Invited reviewModelling motor neuron disease in fruit flies: Lessons from spinal muscular atrophy
Introduction
Motor neuron disease (MND) is an umbrella term for a collection of clinically and aetiologically heterogeneous group of neurological conditions that are characterised by muscle weakness thought to arise from the selective degeneration of lower and/or upper motor neurons. MND causes rapidly progressive motor dysfunction ultimately leading to premature death following respiratory failure in the majority of cases. Genetic factors undoubtedly are major players in disease pathogenesis and progression (Dion et al., 2009, Taylor et al., 2016).

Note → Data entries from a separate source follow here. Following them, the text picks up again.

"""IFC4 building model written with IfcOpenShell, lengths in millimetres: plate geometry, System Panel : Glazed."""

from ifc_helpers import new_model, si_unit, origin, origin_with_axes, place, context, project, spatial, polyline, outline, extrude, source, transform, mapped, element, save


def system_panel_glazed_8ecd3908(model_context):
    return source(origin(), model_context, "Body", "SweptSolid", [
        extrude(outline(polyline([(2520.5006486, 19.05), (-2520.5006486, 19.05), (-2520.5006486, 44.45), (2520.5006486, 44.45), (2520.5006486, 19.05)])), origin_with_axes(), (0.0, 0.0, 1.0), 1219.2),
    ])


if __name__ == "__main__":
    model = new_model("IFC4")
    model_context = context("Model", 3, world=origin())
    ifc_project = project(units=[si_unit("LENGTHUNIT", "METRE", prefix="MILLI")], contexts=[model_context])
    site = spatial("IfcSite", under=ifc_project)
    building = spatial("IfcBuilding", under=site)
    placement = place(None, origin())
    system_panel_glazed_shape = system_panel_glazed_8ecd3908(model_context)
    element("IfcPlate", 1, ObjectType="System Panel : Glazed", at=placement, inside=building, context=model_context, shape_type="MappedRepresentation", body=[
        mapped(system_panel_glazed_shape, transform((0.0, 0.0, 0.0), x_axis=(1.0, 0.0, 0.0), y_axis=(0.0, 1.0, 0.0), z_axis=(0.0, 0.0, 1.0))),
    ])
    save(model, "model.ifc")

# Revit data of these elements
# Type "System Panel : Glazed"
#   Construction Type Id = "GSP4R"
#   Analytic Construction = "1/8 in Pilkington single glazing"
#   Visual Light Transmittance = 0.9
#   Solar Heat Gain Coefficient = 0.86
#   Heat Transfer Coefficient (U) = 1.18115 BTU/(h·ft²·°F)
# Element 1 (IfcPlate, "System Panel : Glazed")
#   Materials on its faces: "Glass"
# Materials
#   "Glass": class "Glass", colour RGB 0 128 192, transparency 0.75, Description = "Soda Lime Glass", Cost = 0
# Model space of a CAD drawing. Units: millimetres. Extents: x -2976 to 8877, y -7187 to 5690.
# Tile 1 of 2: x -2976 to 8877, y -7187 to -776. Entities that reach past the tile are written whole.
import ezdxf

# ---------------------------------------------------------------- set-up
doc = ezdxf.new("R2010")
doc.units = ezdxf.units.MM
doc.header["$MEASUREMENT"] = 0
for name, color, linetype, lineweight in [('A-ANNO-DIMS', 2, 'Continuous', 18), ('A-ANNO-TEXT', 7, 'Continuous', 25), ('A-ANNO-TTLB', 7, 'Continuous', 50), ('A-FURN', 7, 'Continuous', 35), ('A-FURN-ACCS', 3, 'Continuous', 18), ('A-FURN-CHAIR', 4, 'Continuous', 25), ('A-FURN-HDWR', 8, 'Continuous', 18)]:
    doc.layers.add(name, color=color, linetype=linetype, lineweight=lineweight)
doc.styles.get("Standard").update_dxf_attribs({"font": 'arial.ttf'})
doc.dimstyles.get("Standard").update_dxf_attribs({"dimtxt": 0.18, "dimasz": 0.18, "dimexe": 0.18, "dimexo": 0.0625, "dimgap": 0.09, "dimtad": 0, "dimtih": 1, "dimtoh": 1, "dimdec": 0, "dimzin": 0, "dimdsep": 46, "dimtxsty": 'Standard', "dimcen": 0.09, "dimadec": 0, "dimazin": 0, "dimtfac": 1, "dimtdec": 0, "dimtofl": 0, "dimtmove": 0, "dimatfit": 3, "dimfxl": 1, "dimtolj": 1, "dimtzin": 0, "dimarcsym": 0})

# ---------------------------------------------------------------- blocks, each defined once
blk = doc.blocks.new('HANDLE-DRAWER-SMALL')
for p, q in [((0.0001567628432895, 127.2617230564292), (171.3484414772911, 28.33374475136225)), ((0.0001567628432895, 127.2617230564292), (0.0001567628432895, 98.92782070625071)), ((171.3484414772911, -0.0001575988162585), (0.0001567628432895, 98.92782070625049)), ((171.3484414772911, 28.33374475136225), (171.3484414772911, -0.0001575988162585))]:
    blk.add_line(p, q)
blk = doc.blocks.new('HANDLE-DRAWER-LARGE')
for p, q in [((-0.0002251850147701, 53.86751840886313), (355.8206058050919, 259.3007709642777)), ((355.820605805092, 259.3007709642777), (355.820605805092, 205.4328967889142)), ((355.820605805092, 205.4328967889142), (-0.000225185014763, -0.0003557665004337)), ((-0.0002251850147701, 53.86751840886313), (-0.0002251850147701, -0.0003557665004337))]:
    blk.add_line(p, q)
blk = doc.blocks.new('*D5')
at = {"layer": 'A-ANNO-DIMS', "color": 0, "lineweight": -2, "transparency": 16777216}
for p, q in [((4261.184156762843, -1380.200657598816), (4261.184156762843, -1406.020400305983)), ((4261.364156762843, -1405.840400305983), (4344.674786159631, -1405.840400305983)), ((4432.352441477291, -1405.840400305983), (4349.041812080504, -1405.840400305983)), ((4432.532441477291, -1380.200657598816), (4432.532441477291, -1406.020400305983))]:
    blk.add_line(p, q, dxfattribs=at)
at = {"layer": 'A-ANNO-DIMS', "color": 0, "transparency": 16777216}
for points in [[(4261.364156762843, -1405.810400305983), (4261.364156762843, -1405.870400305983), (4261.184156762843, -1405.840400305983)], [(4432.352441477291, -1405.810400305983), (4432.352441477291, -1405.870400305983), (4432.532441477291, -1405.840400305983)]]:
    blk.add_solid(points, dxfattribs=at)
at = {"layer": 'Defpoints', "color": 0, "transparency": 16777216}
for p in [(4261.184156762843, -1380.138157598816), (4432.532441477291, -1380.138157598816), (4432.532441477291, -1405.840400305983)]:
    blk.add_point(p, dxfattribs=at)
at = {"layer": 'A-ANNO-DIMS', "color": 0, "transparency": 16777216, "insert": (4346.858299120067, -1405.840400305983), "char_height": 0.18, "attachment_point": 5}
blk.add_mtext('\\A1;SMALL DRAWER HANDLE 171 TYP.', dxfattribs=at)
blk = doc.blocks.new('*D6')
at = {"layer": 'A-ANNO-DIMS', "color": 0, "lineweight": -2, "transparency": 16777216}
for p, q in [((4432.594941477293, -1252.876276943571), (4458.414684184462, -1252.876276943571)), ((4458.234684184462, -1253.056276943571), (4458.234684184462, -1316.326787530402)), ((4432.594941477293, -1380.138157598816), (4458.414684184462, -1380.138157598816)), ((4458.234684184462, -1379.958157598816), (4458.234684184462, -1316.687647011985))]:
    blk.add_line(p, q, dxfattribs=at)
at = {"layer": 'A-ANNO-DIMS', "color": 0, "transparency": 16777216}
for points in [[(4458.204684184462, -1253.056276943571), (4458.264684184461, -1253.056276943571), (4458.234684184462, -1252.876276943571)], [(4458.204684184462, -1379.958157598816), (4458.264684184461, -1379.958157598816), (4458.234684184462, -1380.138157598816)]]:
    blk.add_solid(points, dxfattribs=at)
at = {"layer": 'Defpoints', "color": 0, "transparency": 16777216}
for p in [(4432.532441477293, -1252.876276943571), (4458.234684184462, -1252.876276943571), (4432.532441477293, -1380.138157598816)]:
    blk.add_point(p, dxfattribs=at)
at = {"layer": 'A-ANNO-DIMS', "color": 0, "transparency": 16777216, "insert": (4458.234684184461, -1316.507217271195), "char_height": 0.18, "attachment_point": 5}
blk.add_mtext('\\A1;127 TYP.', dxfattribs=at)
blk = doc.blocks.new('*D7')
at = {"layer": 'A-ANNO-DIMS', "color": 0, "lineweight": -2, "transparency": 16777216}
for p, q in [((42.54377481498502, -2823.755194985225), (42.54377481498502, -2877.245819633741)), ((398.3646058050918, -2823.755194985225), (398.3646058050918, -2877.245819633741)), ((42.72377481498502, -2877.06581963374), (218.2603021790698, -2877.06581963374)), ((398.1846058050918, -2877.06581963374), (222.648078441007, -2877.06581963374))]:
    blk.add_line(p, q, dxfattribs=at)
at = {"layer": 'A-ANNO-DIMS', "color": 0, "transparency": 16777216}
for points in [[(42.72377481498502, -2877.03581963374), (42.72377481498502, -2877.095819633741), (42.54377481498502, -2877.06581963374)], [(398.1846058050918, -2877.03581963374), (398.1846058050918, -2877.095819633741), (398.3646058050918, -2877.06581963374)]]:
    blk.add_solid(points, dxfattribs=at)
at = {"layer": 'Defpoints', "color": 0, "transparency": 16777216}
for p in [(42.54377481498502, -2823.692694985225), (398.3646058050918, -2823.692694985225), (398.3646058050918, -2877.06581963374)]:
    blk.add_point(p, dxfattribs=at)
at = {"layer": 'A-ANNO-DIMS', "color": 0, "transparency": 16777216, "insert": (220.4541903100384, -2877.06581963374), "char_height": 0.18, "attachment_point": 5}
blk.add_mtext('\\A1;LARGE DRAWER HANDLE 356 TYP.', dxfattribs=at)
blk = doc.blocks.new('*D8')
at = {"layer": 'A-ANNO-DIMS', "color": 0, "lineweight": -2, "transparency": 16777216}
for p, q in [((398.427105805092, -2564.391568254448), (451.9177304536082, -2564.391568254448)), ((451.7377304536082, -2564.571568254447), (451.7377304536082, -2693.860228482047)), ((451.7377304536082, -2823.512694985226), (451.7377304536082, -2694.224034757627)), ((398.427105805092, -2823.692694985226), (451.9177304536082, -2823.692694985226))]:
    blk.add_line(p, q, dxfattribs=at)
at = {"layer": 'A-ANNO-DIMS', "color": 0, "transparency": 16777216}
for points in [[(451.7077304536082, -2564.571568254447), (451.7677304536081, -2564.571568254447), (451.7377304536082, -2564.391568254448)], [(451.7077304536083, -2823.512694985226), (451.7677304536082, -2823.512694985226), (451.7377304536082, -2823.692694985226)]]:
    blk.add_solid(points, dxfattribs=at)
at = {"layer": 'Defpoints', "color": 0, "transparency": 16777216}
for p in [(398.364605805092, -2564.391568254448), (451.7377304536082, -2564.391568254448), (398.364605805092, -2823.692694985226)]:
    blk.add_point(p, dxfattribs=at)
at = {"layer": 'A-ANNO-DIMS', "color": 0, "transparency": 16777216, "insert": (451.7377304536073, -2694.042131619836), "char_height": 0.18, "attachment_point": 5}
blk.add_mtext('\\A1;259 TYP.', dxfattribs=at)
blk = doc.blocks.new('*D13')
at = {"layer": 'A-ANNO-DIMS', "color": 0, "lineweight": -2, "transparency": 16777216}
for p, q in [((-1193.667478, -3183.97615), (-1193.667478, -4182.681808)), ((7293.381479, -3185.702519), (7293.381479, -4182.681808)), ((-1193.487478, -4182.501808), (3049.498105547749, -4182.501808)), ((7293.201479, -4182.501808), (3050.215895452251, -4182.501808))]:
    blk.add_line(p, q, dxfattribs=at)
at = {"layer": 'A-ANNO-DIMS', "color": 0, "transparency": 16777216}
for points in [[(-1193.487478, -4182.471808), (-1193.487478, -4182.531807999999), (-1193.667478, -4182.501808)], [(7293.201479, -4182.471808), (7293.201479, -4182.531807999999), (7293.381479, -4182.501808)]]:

This is highlighted by spinal muscular atrophy (SMA), the most common MND striking infants. SMA is typically an autosomal recessive disorder caused by inactivating mutations of the survival motor neuron 1 (SMN1) gene that are partially compensated by the paralogous SMN2 gene. SMA is therefore caused by a reduction rather than total loss of the SMN1/2-encoded SMN protein, with SMN2 copy number influencing age of onset, disease severity and progression rate throughout the lifespan. To this end, SMA is clinically classified as type I (severe), II (intermediate), III (mild) or IV (adult-onset) (Burghes and Beattie, 2009, Kolb and Kissel, 2011). The successful development of a molecular-based therapy for SMA, essentially repairing the SMN2 gene (Talbot and Tizzano, 2017), provides a roadmap for the engineering of therapeutics tailored for other hereditary motor neuron degenerative conditions including the most prevalent MND of adulthood, amyotrophic lateral sclerosis (ALS). Intense research on the molecular genetics underpinning such disorders followed by functional characterisation of the disease-associated genes in animal models are key steps that provide a very good starting point for this challenging endeavour.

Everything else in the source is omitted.